Un jeune Russe fuit la guerre en Ukraine et trouve refuge à Arcachon auprès de sa tante
Un Russe fuit la guerre et trouve refuge à Arcachon

Un jeune Russe fuit la guerre en Ukraine et trouve refuge à Arcachon auprès de sa tante

Quatre années se sont écoulées depuis l'invasion de l'Ukraine par la Russie, le 24 février 2022. À Arcachon, Anton, un Russe d'origine ukrainienne âgé d'une vingtaine d'années, a récemment rejoint sa tante Anastasia, elle-même réfugiée de Kharkiv. Assis au fond du bar l'Estival, dans le quartier de l'Aiguillon, il partage son histoire, entre fuite du front et recherche d'asile en France.

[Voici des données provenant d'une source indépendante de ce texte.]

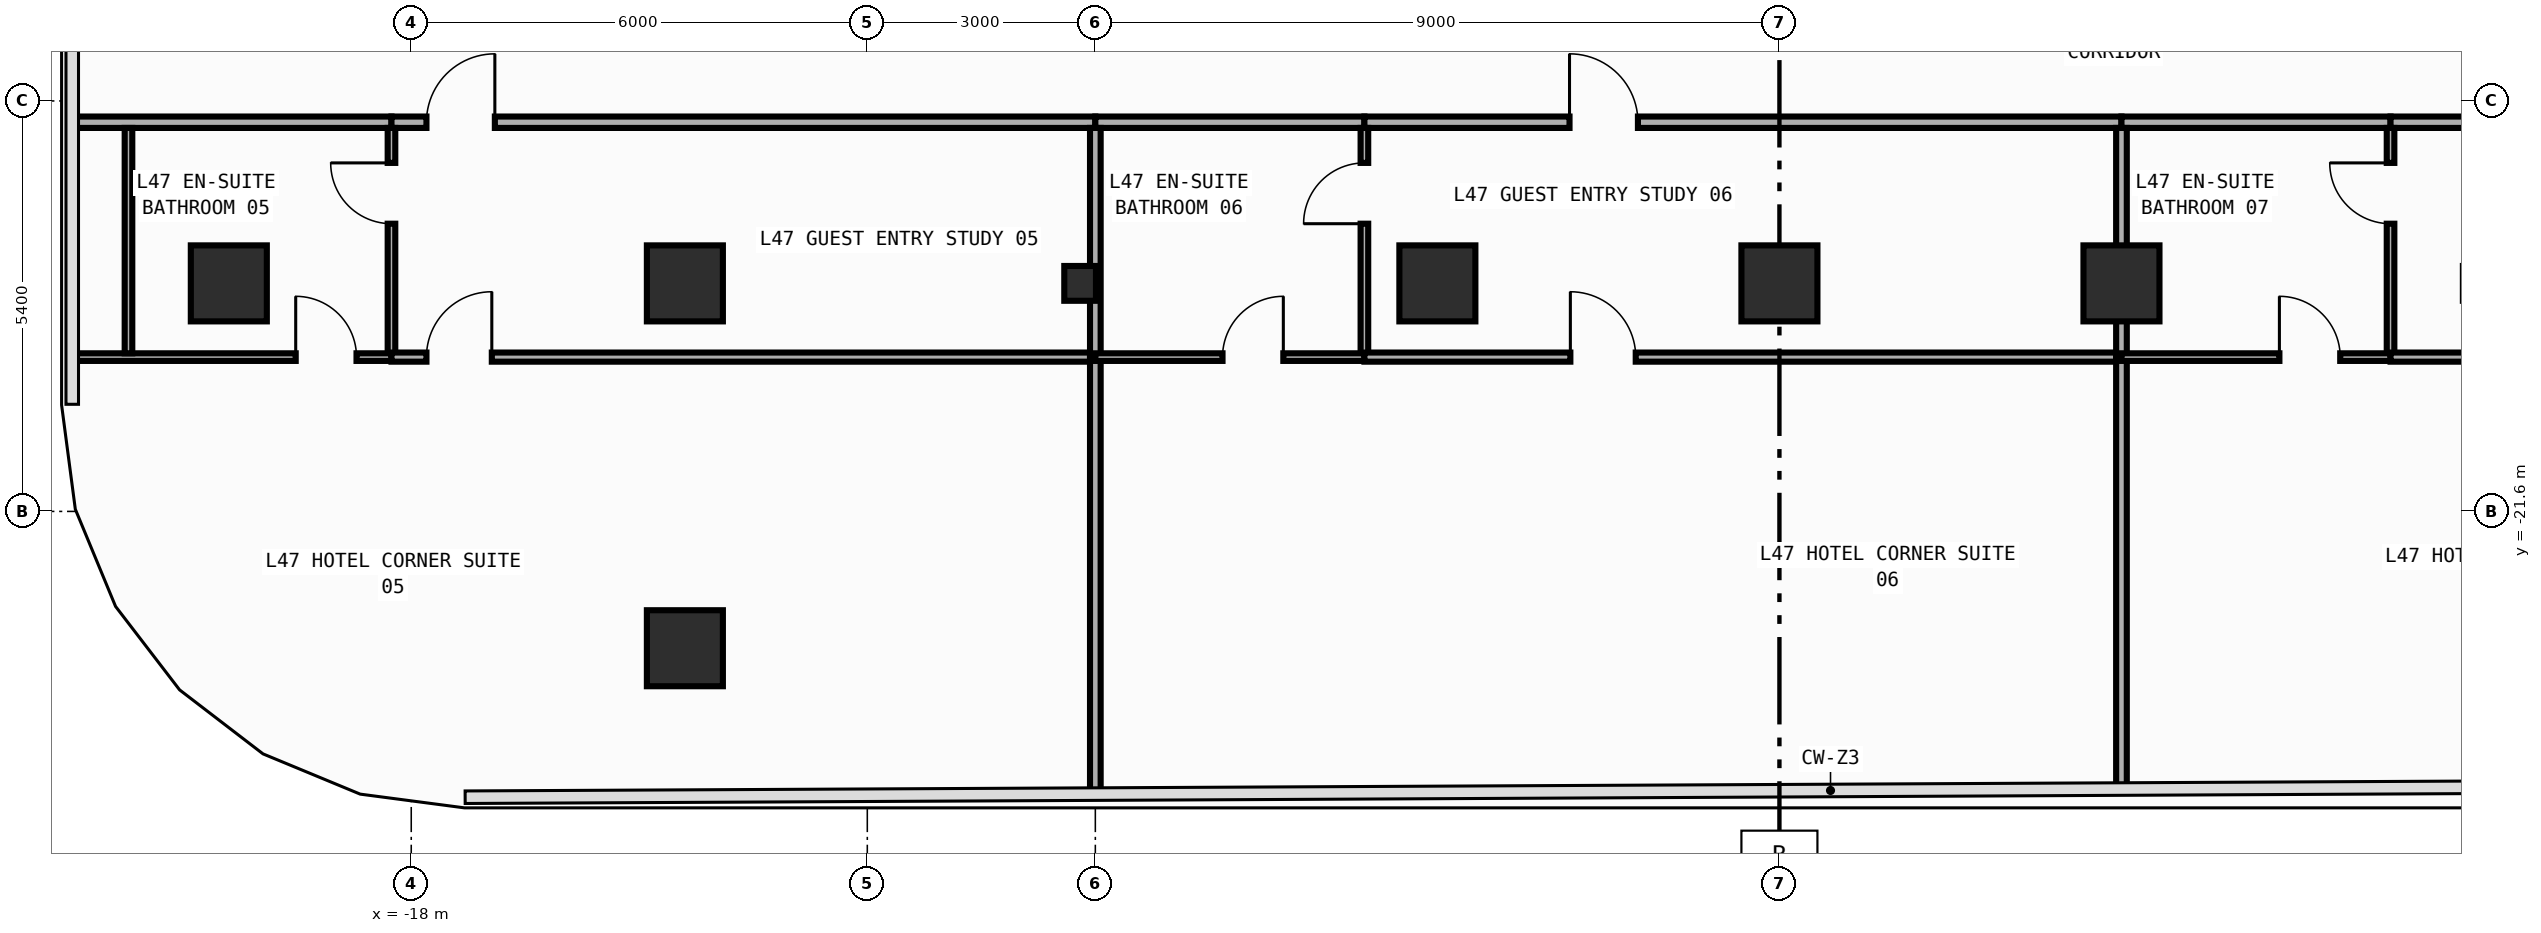
"""IFC4 building model, lengths in metres.
Left out: names, types, materials, properties, quantities, classifications, styles, units other than length and angle.
Written with IfcOpenShell. Run it as: python <this file> out.ifc"""

import sys

from ifc_helpers import new_model, si_unit, direction, frame, frame_2d, origin, origin_2d, place, context, subcontext, project, spatial, rectangle, i_section, extrude, element, fill, save


model = new_model("IFC4")
c1 = context("Model", 3, precision=1e-05, world=origin(), true_north=direction((0.0, 1.0)))
c2 = subcontext(c1, "Body", "Model", "MODEL_VIEW")
j1 = project(units=[si_unit("LENGTHUNIT", "METRE"), si_unit("PLANEANGLEUNIT", "RADIAN")], contexts=[c1])
p1 = place(None, origin())
s1 = spatial("IfcSite", under=j1, at=p1, CompositionType="ELEMENT")
p2 = place(p1, origin())
s2 = spatial("IfcBuilding", under=s1, at=p2, CompositionType="ELEMENT")
p3 = place(p2, frame((0.0, 0.0, 203.0)))
s3 = spatial("IfcBuildingStorey", under=s2, at=p3, CompositionType="ELEMENT", Elevation=203.0)
p4 = place(p3, frame((-9.2, -18.6, 0.0), z_axis=(0.0, 0.0, 1.0), x_axis=(1.0, 0.0, 0.0)))
e1 = element("IfcColumn", 1, at=p4, inside=s3, PredefinedType="COLUMN", context=c2, shape_type="SweptSolid", body=[
    extrude(i_section(OverallWidth=0.417, OverallDepth=0.458, WebThickness=0.03, FlangeThickness=0.05, FilletRadius=0.022, at=origin_2d()), origin(), (0.0, 0.0, 1.0), 3.8),
])
for number, where, z_axis, x_axis in (
    (2, (-20.4, -18.6, 0.0), (0.0, 0.0, 1.0), (1.0, 0.0, 0.0)),
    (3, (-14.4, -18.6, 0.0), (0.0, 0.0, 1.0), (1.0, 0.0, 0.0)),
    (4, (-4.5, -18.6, 0.0), (0.0, 0.0, 1.0), (1.0, 0.0, 0.0)),
    (5, (0.0, -18.6, 0.0), (0.0, 0.0, 1.0), (1.0, 0.0, 0.0)),
    (6, (4.5, -18.6, 0.0), (0.0, 0.0, 1.0), (1.0, 0.0, 0.0)),
    (7, (-14.4, -23.4, 0.0), (0.0, 0.0, 1.0), (1.0, 0.0, 0.0)),
):
    element("IfcColumn", number, at=place(p3, frame(where, z_axis=z_axis, x_axis=x_axis)), inside=s3, PredefinedType="COLUMN", context=c2, shape_type="SweptSolid", body=[
        extrude(rectangle(XDim=1.0, YDim=1.0, at=origin_2d()), origin(), (0.0, 0.0, 1.0), 3.8),
    ])
p5 = place(p3, frame((-22.455, -16.48, 0.0), z_axis=(0.0, 0.0, 1.0), x_axis=(1.0, 0.0, 0.0)))
e8 = element("IfcWall", 8, at=p5, inside=s3, PredefinedType="PARTITIONING", context=c2, shape_type="SweptSolid", body=[
    extrude(rectangle(XDim=4.195, YDim=0.15, at=frame_2d((2.098, 0.0))), origin(), (0.0, 0.0, 1.0), 3.54),
])
p6 = place(p3, frame((-18.26, -16.48, 0.0), z_axis=(0.0, 0.0, 1.0), x_axis=(1.0, 0.0, 0.0)))
e9 = element("IfcWall", 9, at=p6, inside=s3, PredefinedType="PARTITIONING", context=c2, shape_type="SweptSolid", body=[
    extrude(rectangle(XDim=9.26, YDim=0.15, at=frame_2d((4.63, 0.0))), origin(), (0.0, 0.0, 1.0), 3.54),
])
p7 = place(p6, frame((0.46, 0.0, 0.0)))
e10 = element("IfcOpeningElement", 10, at=p7, cuts=e9, PredefinedType="OPENING", context=c2, shape_type="SweptSolid", body=[
    extrude(rectangle(XDim=0.9, YDim=2.15, at=frame_2d((0.45, 1.075))), frame((0.0, 0.085, 0.0), z_axis=(0.0, -1.0, 0.0), x_axis=(1.0, 0.0, 0.0)), (0.0, 0.0, 1.0), 0.17),
])
p8 = place(p3, frame((-9.0, -16.48, 0.0), z_axis=(0.0, 0.0, 1.0), x_axis=(1.0, 0.0, 0.0)))
e11 = element("IfcWall", 11, at=p8, inside=s3, PredefinedType="PARTITIONING", context=c2, shape_type="SweptSolid", body=[
    extrude(rectangle(XDim=3.54, YDim=0.15, at=frame_2d((1.77, 0.0))), origin(), (0.0, 0.0, 1.0), 3.54),
])
p9 = place(p3, frame((-5.46, -16.48, 0.0), z_axis=(0.0, 0.0, 1.0), x_axis=(1.0, 0.0, 0.0)))
e12 = element("IfcWall", 12, at=p9, inside=s3, PredefinedType="PARTITIONING", context=c2, shape_type="SweptSolid", body=[
    extrude(rectangle(XDim=9.96, YDim=0.15, at=frame_2d((4.98, 0.0))), origin(), (0.0, 0.0, 1.0), 3.54),
])
p10 = place(p9, frame((2.698, 0.0, 0.0)))
e13 = element("IfcOpeningElement", 13, at=p10, cuts=e12, PredefinedType="OPENING", context=c2, shape_type="SweptSolid", body=[
    extrude(rectangle(XDim=0.9, YDim=2.15, at=frame_2d((0.45, 1.075))), frame((0.0, 0.085, 0.0), z_axis=(0.0, -1.0, 0.0), x_axis=(1.0, 0.0, 0.0)), (0.0, 0.0, 1.0), 0.17),
])
p11 = place(p3, frame((4.5, -16.48, 0.0), z_axis=(0.0, 0.0, 1.0), x_axis=(1.0, 0.0, 0.0)))
e14 = element("IfcWall", 14, at=p11, inside=s3, PredefinedType="PARTITIONING", context=c2, shape_type="SweptSolid", body=[
    extrude(rectangle(XDim=3.54, YDim=0.15, at=frame_2d((1.77, 0.0))), origin(), (0.0, 0.0, 1.0), 3.54),
])
p12 = place(p3, frame((8.04, -16.48, 0.0), z_axis=(0.0, 0.0, 1.0), x_axis=(1.0, 0.0, 0.0)))
e15 = element("IfcWall", 15, at=p12, inside=s3, PredefinedType="PARTITIONING", context=c2, shape_type="SweptSolid", body=[
    extrude(rectangle(XDim=4.2, YDim=0.15, at=frame_2d((2.1, 0.0))), origin(), (0.0, 0.0, 1.0), 3.54),
])
p13 = place(p12, frame((2.624, 0.0, 0.0)))
e16 = element("IfcOpeningElement", 16, at=p13, cuts=e15, PredefinedType="OPENING", context=c2, shape_type="SweptSolid", body=[
    extrude(rectangle(XDim=0.9, YDim=2.15, at=frame_2d((0.45, 1.075))), frame((0.0, 0.085, 0.0), z_axis=(0.0, -1.0, 0.0), x_axis=(1.0, 0.0, 0.0)), (0.0, 0.0, 1.0), 0.17),
])
p14 = place(p3, frame((-18.26, -19.52, 0.0), z_axis=(0.0, 0.0, 1.0), x_axis=(0.0, 1.0, 0.0)))
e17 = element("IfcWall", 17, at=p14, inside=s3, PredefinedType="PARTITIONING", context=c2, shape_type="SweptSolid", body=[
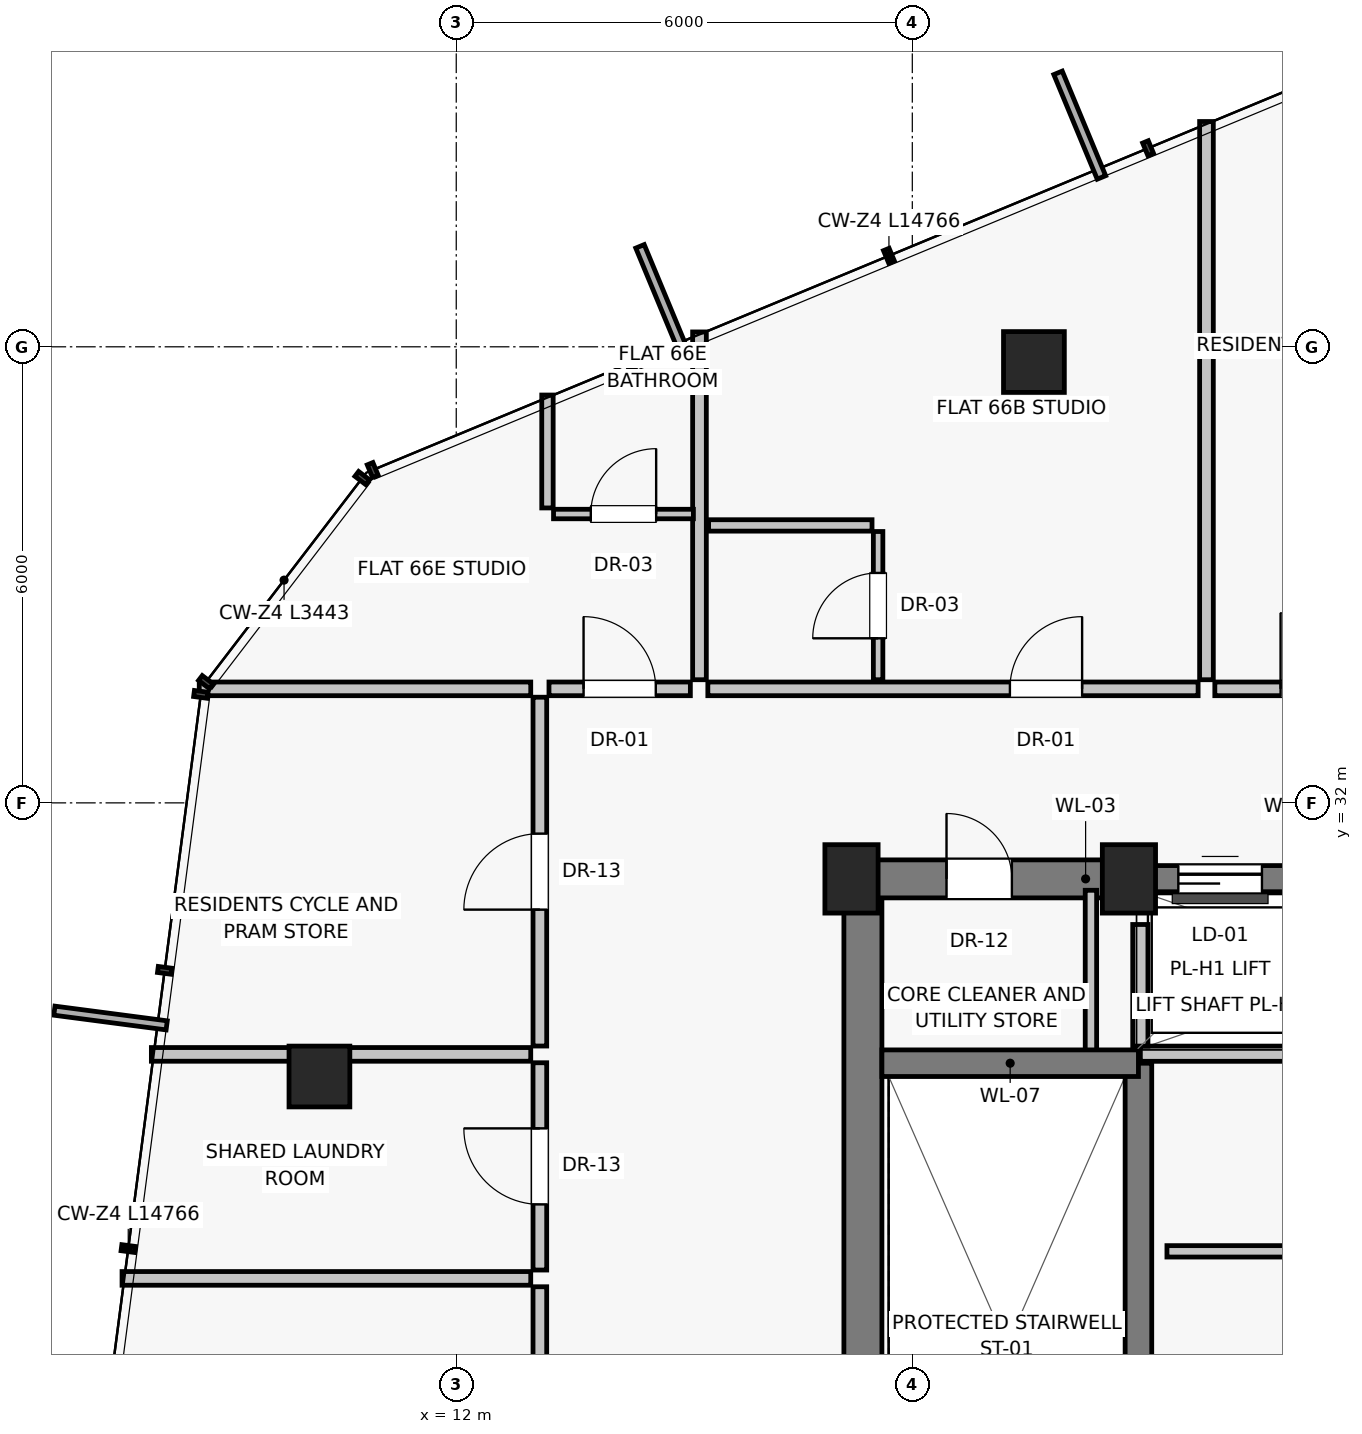
"""IFC4 building model, lengths in metres.
Left out: names, types, materials, properties, quantities, classifications, styles, units other than length and angle.
Written with IfcOpenShell. Run it as: python <this file> out.ifc"""

import sys

from ifc_helpers import new_model, si_unit, direction, frame, frame_2d, origin, origin_2d, place, context, subcontext, project, spatial, rectangle, extrude, source, transform, mapped, element, fill, save


model = new_model("IFC4")
c1 = context("Model", 3, precision=1e-05, world=origin(), true_north=direction((0.0, 1.0)))
c2 = subcontext(c1, "Body", "Model", "MODEL_VIEW")
j1 = project(units=[si_unit("LENGTHUNIT", "METRE"), si_unit("PLANEANGLEUNIT", "RADIAN")], contexts=[c1])
p1 = place(None, origin())
s1 = spatial("IfcSite", under=j1, at=p1, CompositionType="ELEMENT")
p2 = place(p1, origin())
s2 = spatial("IfcBuilding", under=s1, at=p2, CompositionType="ELEMENT")
p3 = place(p2, frame((0.0, 0.0, 233.3)))
s3 = spatial("IfcBuildingStorey", under=s2, at=p3, CompositionType="ELEMENT", Elevation=233.3)
for number, where, z_axis, x_axis in (
    (1, (17.2, 31.0, 0.0), (0.0, 0.0, 1.0), (1.0, 0.0, 0.0)),
    (2, (20.85, 31.0, 0.0), (0.0, 0.0, 1.0), (1.0, 0.0, 0.0)),
):
    element("IfcColumn", number, at=place(p3, frame(where, z_axis=z_axis, x_axis=x_axis)), inside=s3, PredefinedType="PILASTER", context=c2, shape_type="SweptSolid", body=[
        extrude(rectangle(XDim=0.7, YDim=0.9, at=origin_2d()), origin(), (0.0, 0.0, 1.0), 3.25),
    ])
for number, where, z_axis, x_axis in (
    (3, (19.6, 37.8, 0.0), (0.0, 0.0, 1.0), (1.0, 0.0, 0.0)),
    (4, (10.2, 28.4, 0.0), (0.0, 0.0, 1.0), (1.0, 0.0, 0.0)),
):
    element("IfcColumn", number, at=place(p3, frame(where, z_axis=z_axis, x_axis=x_axis)), inside=s3, PredefinedType="COLUMN", context=c2, shape_type="SweptSolid", body=[
        extrude(rectangle(XDim=0.8, YDim=0.8, at=origin_2d()), origin(), (0.0, 0.0, 1.0), 3.25),
    ])
p4 = place(p3, frame((17.35, 16.8, 0.0), z_axis=(0.0, 0.0, 1.0), x_axis=(0.0, 1.0, 0.0)))
e5 = element("IfcWall", 5, at=p4, inside=s3, PredefinedType="SHEAR", context=c2, shape_type="SweptSolid", body=[
    extrude(rectangle(XDim=14.2, YDim=0.5, at=frame_2d((7.1, 0.0))), origin(), (0.0, 0.0, 1.0), 3.015),
])
p5 = place(p3, frame((17.2, 31.0, 0.0), z_axis=(0.0, 0.0, 1.0), x_axis=(1.0, 0.0, 0.0)))
e6 = element("IfcWall", 6, at=p5, inside=s3, PredefinedType="SHEAR", context=c2, shape_type="SweptSolid", body=[
    extrude(rectangle(XDim=3.8, YDim=0.5, at=frame_2d((1.9, 0.0))), origin(), (0.0, 0.0, 1.0), 3.015),
])
p6 = place(p5, frame((1.25, 0.0, 0.0)))
e7 = element("IfcOpeningElement", 7, at=p6, cuts=e6, PredefinedType="OPENING", context=c2, shape_type="SweptSolid", body=[
    extrude(rectangle(XDim=0.86, YDim=2.01, at=frame_2d((0.43, 1.005))), frame((0.0, 0.26, 0.0), z_axis=(0.0, -1.0, 0.0), x_axis=(1.0, 0.0, 0.0)), (0.0, 0.0, 1.0), 0.52),
])
p7 = place(p3, frame((21.0, 31.0, 0.0), z_axis=(0.0, 0.0, 1.0), x_axis=(1.0, 0.0, 0.0)))
e8 = element("IfcWall", 8, at=p7, inside=s3, PredefinedType="SHEAR", context=c2, shape_type="SweptSolid", body=[
    extrude(rectangle(XDim=6.0, YDim=0.35, at=frame_2d((3.0, 0.0))), origin(), (0.0, 0.0, 1.0), 3.015),
])
p8 = place(p7, frame((0.5, 0.0, 0.0)))
e9 = element("IfcOpeningElement", 9, at=p8, cuts=e8, PredefinedType="OPENING", context=c2, shape_type="SweptSolid", body=[
    extrude(rectangle(XDim=1.1, YDim=2.08, at=frame_2d((0.55, 1.04))), frame((0.0, 0.185, 0.0), z_axis=(0.0, -1.0, 0.0), x_axis=(1.0, 0.0, 0.0)), (0.0, 0.0, 1.0), 0.37),
])
p9 = place(p7, frame((2.45, 0.0, 0.0)))
e10 = element("IfcOpeningElement", 10, at=p9, cuts=e8, PredefinedType="OPENING", context=c2, shape_type="SweptSolid", body=[
    extrude(rectangle(XDim=1.1, YDim=2.08, at=frame_2d((0.55, 1.04))), frame((0.0, 0.185, 0.0), z_axis=(0.0, -1.0, 0.0), x_axis=(1.0, 0.0, 0.0)), (0.0, 0.0, 1.0), 0.37),
])
p10 = place(p7, frame((4.4, 0.0, 0.0)))
e11 = element("IfcOpeningElement", 11, at=p10, cuts=e8, PredefinedType="OPENING", context=c2, shape_type="SweptSolid", body=[
    extrude(rectangle(XDim=1.1, YDim=2.08, at=frame_2d((0.55, 1.04))), frame((0.0, 0.185, 0.0), z_axis=(0.0, -1.0, 0.0), x_axis=(1.0, 0.0, 0.0)), (0.0, 0.0, 1.0), 0.37),
])
p11 = place(p3, frame((20.35, 28.65, 0.0), z_axis=(0.0, 0.0, 1.0), x_axis=(0.0, 1.0, 0.0)))
e12 = element("IfcWall", 12, at=p11, inside=s3, PredefinedType="PARTITIONING", context=c2, shape_type="SweptSolid", body=[
    extrude(rectangle(XDim=2.2, YDim=0.15, at=frame_2d((1.1, 0.0))), origin(), (0.0, 0.0, 1.0), 3.015),
])
p12 = place(p3, frame((20.975, 19.8, 0.0), z_axis=(0.0, 0.0, 1.0), x_axis=(0.0, 1.0, 0.0)))
e13 = element("IfcWall", 13, at=p12, inside=s3, PredefinedType="SHEAR", context=c2, shape_type="SweptSolid", body=[
    extrude(rectangle(XDim=8.775, YDim=0.35, at=frame_2d((4.387, 0.0))), origin(), (0.0, 0.0, 1.0), 3.015),
])
p13 = place(p3, frame((17.6, 28.575, 0.0), z_axis=(0.0, 0.0, 1.0), x_axis=(1.0, 0.0, 0.0)))
e14 = element("IfcWall", 14, at=p13, inside=s3, PredefinedType="SHEAR", context=c2, shape_type="SweptSolid", body=[
    extrude(rectangle(XDim=3.375, YDim=0.35, at=frame_2d((1.688, 0.0))), origin(), (0.0, 0.0, 1.0), 3.015),
])
p14 = place(p3, frame((21.0, 28.7, 0.0), z_axis=(0.0, 0.0, 1.0), x_axis=(1.0, 0.0, 0.0)))
e15 = element("IfcWall", 15, at=p14, inside=s3, PredefinedType="SOLIDWALL", context=c2, shape_type="SweptSolid", body=[
    extrude(rectangle(XDim=6.0, YDim=0.2, at=frame_2d((3.0, 0.0))), origin(), (0.0, 0.0, 1.0), 3.015),
])
p15 = place(p3, frame((21.0, 28.8, 0.0), z_axis=(0.0, 0.0, 1.0), x_axis=(0.0, 1.0, 0.0)))
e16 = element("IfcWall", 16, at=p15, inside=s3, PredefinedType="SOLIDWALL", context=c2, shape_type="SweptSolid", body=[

La fuite face à la conscription militaire

Dès le début de l'invasion, Anton, alors étudiant en journalisme à Moscou, savait qu'il quitterait la Russie. « Tant que j'étudiais, j'avais un sursis militaire », explique-t-il. Après l'obtention de son diplôme, il commence un travail d'assistant comptable, mais deux mois plus tard, son employeur lui remet une convocation pour l'armée. « Le service militaire aujourd'hui c'est aller au front », regrette-t-il, ajoutant qu'il ne voulait pas tuer ses amis ou ses cousins en Ukraine.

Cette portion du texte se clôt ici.